In a medium bowl, I combined the olive oil, soy sauce, balsamic vinegar, Bear & Burton’s W sauce, brown sugar, lemon juice and Smoked Q Rock’s Bourbon Brisket Rub. Then I whisked until well combined then poured into a large gallon zip lock bag.
Next, I placed the flank steak in a zip-lock bag, leaving some air in it, before sealing it and shaking the marinade over the steak. Then I refrigerated for at least 4 hours, preferably overnight, but in a hurry, you can go for one hour.

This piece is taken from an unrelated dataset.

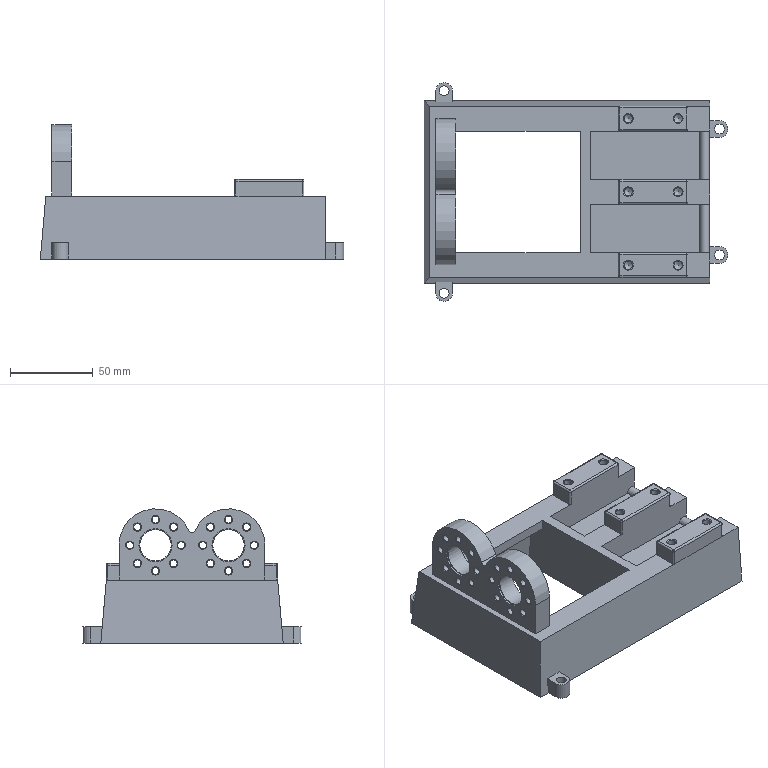Component | NX | BASE | 1 solid | 177 faces | volume 276963 mm3 | cylinder 63 | plane 58 | cone 44 | sphere 12 | commonest cylinder face diameters 2 x24 4.2 x16 6 x6 5 x6 10 x4 19 x2 44 x2 20 x2

For this recipe I set my Traeger Timberline XL to 350°F and allowed it to preheat. For this recipe, I used some Traeger Signature Blend Pellets for optimal flavor.
Then I removed the steak from the marinade, allowing any excess to drip off, and pat down lightly with a paper towel. You want the steak to be wet but not dripping.Then I placed the steak directly on the grill grates, before smoking for 45 minutes, or until the internal temperature reaches 130°F.
To finish, I increased the Traeger temperature to 475°F and seared the steak for 1-2 minutes on each side until it reached 145º internal.
When it was at temp I removed the flank steak from the grill and let it rest for 10 minutes. When I was ready to serve I sliced it against the grain into thin strips for maximum tenderness.